Paolo Maldini se queda sin ases para salvar a la 'Azzurra' tras el Mundial 2026
La doble negativa de estos gigantes expone la cruda realidad estructural de Italia. Quedarse fuera de la Copa del Mundo de 2026 no solo ha sido un accidente deportivo, sino un golpe reputacional enorme. Ya no basta con el peso del escudo o una historia llena de títulos, con la Eurocopa de 202 como último trofeo conquistado, para convencer a los mejores estrategas de la actualidad.
Paolo Maldini, recién nombrado responsable técnico para capitanear la resurrección del equipo, encabezó junto al brasileño Leonardo una cumbre en Barcelona para intentar seducir a Guardiola. La idea de un seleccionador extranjero que revolucionara la base táctica italiana ilusionaba, pero el intento ha fracasado frente al desgaste personal del entrenador.
El efecto dominó de este escenario deja a cada protagonista en una posición muy distinta. La CBF retiene la estabilidad y la confianza de Ancelotti, Guardiola asegura la pausa que su exitosa carrera le exige y Maldini se queda sin balas de oro.
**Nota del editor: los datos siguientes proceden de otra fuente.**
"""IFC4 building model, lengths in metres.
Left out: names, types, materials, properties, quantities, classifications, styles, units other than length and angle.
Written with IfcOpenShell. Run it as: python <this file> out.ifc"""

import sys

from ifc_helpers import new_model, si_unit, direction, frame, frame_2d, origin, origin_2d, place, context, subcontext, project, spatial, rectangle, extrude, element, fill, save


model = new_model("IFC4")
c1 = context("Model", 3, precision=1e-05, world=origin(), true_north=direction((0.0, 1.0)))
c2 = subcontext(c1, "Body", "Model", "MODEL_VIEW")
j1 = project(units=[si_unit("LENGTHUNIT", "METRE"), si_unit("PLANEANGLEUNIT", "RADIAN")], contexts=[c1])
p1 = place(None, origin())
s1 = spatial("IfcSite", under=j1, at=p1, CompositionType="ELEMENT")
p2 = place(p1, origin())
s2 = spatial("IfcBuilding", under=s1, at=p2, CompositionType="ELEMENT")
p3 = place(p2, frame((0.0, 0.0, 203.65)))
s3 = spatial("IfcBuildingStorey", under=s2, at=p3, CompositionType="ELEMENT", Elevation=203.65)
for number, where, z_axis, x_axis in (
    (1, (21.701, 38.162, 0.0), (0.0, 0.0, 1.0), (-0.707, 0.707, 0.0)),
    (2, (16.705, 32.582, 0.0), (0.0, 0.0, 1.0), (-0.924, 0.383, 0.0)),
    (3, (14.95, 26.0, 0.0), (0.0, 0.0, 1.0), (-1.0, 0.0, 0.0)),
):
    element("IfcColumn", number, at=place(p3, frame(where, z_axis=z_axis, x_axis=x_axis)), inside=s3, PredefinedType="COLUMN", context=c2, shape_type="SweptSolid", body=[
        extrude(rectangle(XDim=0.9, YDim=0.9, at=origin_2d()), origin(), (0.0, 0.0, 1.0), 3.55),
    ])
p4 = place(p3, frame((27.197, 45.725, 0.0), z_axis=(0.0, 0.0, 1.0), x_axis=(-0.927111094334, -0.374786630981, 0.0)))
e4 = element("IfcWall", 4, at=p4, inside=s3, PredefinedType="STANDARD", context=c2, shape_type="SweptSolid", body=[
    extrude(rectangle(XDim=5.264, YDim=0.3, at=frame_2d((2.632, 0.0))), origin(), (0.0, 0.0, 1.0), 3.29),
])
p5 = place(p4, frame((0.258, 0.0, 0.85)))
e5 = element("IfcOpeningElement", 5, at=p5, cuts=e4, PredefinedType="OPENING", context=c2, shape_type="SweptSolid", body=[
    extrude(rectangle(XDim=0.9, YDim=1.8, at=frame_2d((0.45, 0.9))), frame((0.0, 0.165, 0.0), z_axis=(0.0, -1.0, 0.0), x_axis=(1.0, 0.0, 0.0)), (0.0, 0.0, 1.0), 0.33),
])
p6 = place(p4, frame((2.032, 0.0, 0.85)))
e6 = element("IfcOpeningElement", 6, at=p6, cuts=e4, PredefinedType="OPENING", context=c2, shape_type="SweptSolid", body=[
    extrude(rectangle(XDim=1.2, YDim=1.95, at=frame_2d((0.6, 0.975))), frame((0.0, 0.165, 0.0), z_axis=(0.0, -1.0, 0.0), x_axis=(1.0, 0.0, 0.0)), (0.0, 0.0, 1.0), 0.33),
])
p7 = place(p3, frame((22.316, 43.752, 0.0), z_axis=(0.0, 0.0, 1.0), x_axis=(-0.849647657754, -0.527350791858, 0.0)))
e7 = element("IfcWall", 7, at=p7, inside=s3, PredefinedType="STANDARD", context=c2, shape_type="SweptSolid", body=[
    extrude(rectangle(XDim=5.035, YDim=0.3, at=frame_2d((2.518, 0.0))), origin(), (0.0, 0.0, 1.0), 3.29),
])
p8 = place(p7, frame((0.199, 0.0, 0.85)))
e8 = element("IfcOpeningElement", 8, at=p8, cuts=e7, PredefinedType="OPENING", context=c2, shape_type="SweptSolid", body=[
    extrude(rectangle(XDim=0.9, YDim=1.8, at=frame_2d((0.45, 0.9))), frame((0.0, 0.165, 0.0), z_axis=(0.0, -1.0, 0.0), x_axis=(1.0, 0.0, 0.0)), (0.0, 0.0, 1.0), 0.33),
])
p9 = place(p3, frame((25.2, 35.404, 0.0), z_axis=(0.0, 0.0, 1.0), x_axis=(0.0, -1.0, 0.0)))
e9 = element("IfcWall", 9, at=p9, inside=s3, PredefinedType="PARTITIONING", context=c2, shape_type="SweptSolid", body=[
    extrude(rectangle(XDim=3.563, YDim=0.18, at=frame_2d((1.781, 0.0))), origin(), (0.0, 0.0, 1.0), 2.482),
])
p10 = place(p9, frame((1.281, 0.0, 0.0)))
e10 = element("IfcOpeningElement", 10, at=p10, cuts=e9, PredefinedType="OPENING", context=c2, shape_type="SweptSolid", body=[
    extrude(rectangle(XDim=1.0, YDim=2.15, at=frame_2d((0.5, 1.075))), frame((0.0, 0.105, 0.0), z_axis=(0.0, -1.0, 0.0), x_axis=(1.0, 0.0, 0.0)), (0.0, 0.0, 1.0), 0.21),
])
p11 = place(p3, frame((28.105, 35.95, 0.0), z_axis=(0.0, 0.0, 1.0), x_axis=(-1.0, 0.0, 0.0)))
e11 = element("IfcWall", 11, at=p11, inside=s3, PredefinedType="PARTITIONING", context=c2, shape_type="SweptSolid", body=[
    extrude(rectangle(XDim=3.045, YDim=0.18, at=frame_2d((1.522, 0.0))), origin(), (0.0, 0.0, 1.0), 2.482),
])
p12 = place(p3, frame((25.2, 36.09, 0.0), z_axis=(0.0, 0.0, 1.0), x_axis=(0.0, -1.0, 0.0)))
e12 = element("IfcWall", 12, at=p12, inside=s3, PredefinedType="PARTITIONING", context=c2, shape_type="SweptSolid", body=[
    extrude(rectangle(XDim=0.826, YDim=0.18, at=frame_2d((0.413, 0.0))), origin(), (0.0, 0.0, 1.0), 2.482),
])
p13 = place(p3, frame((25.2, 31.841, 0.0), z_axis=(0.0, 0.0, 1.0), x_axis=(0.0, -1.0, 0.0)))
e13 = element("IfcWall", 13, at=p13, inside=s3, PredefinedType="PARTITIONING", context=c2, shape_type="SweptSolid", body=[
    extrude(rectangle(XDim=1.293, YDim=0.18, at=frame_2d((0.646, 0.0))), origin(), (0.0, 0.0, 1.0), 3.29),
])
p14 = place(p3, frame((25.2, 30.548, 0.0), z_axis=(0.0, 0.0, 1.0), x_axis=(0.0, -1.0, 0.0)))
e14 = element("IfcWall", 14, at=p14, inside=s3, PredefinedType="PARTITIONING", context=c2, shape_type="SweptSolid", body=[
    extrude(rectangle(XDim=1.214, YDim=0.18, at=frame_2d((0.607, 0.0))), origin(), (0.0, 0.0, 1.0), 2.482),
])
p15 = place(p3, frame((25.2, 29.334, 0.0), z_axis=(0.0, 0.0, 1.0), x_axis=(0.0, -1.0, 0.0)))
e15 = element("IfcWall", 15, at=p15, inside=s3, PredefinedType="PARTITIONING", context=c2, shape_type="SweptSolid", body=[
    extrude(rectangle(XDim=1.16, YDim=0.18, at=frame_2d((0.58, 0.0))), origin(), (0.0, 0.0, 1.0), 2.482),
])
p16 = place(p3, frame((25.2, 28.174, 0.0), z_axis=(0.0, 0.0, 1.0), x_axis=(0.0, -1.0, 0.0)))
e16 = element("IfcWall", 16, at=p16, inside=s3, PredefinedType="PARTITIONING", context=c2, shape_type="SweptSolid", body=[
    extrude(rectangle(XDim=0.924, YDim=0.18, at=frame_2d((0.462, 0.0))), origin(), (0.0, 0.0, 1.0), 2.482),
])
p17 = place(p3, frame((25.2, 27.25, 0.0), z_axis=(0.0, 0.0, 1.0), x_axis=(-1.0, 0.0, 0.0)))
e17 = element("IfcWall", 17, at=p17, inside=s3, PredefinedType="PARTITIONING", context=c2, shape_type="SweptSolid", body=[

El reto del nuevo técnico: un desierto competitivo y mucha presión
La Azzurra deberá activar ahora un 'Plan C' en el mercado y apostar por un perfil diferente que esté dispuesto a asumir el altísimo riesgo de reconstruir a un combinado que no puede permitirse otro tropiezo. Quien asuma finalmente el cargo no solo enfrentará el pesimismo de un país dolido, sino un calendario que obliga a renovar la selección a contrarreloj. De momento, Andrea Pirlo y Antonio Conte aparecen como los principales candidatos en la lista italiana.
La decisión de Guardiola y Ancelotti confirma que el proyecto italiano requiere a alguien que no busque la gloria rápida, sino que acepte trabajar desde los cimientos. El mercado nacional no ofrece ahora mismo figuras con el consenso de los dos entrenadores descartados, obligando a la dirección técnica a arriesgar con perfiles que acepten dar el salto internacional en el momento más crítico de la historia reciente del fútbol italiano.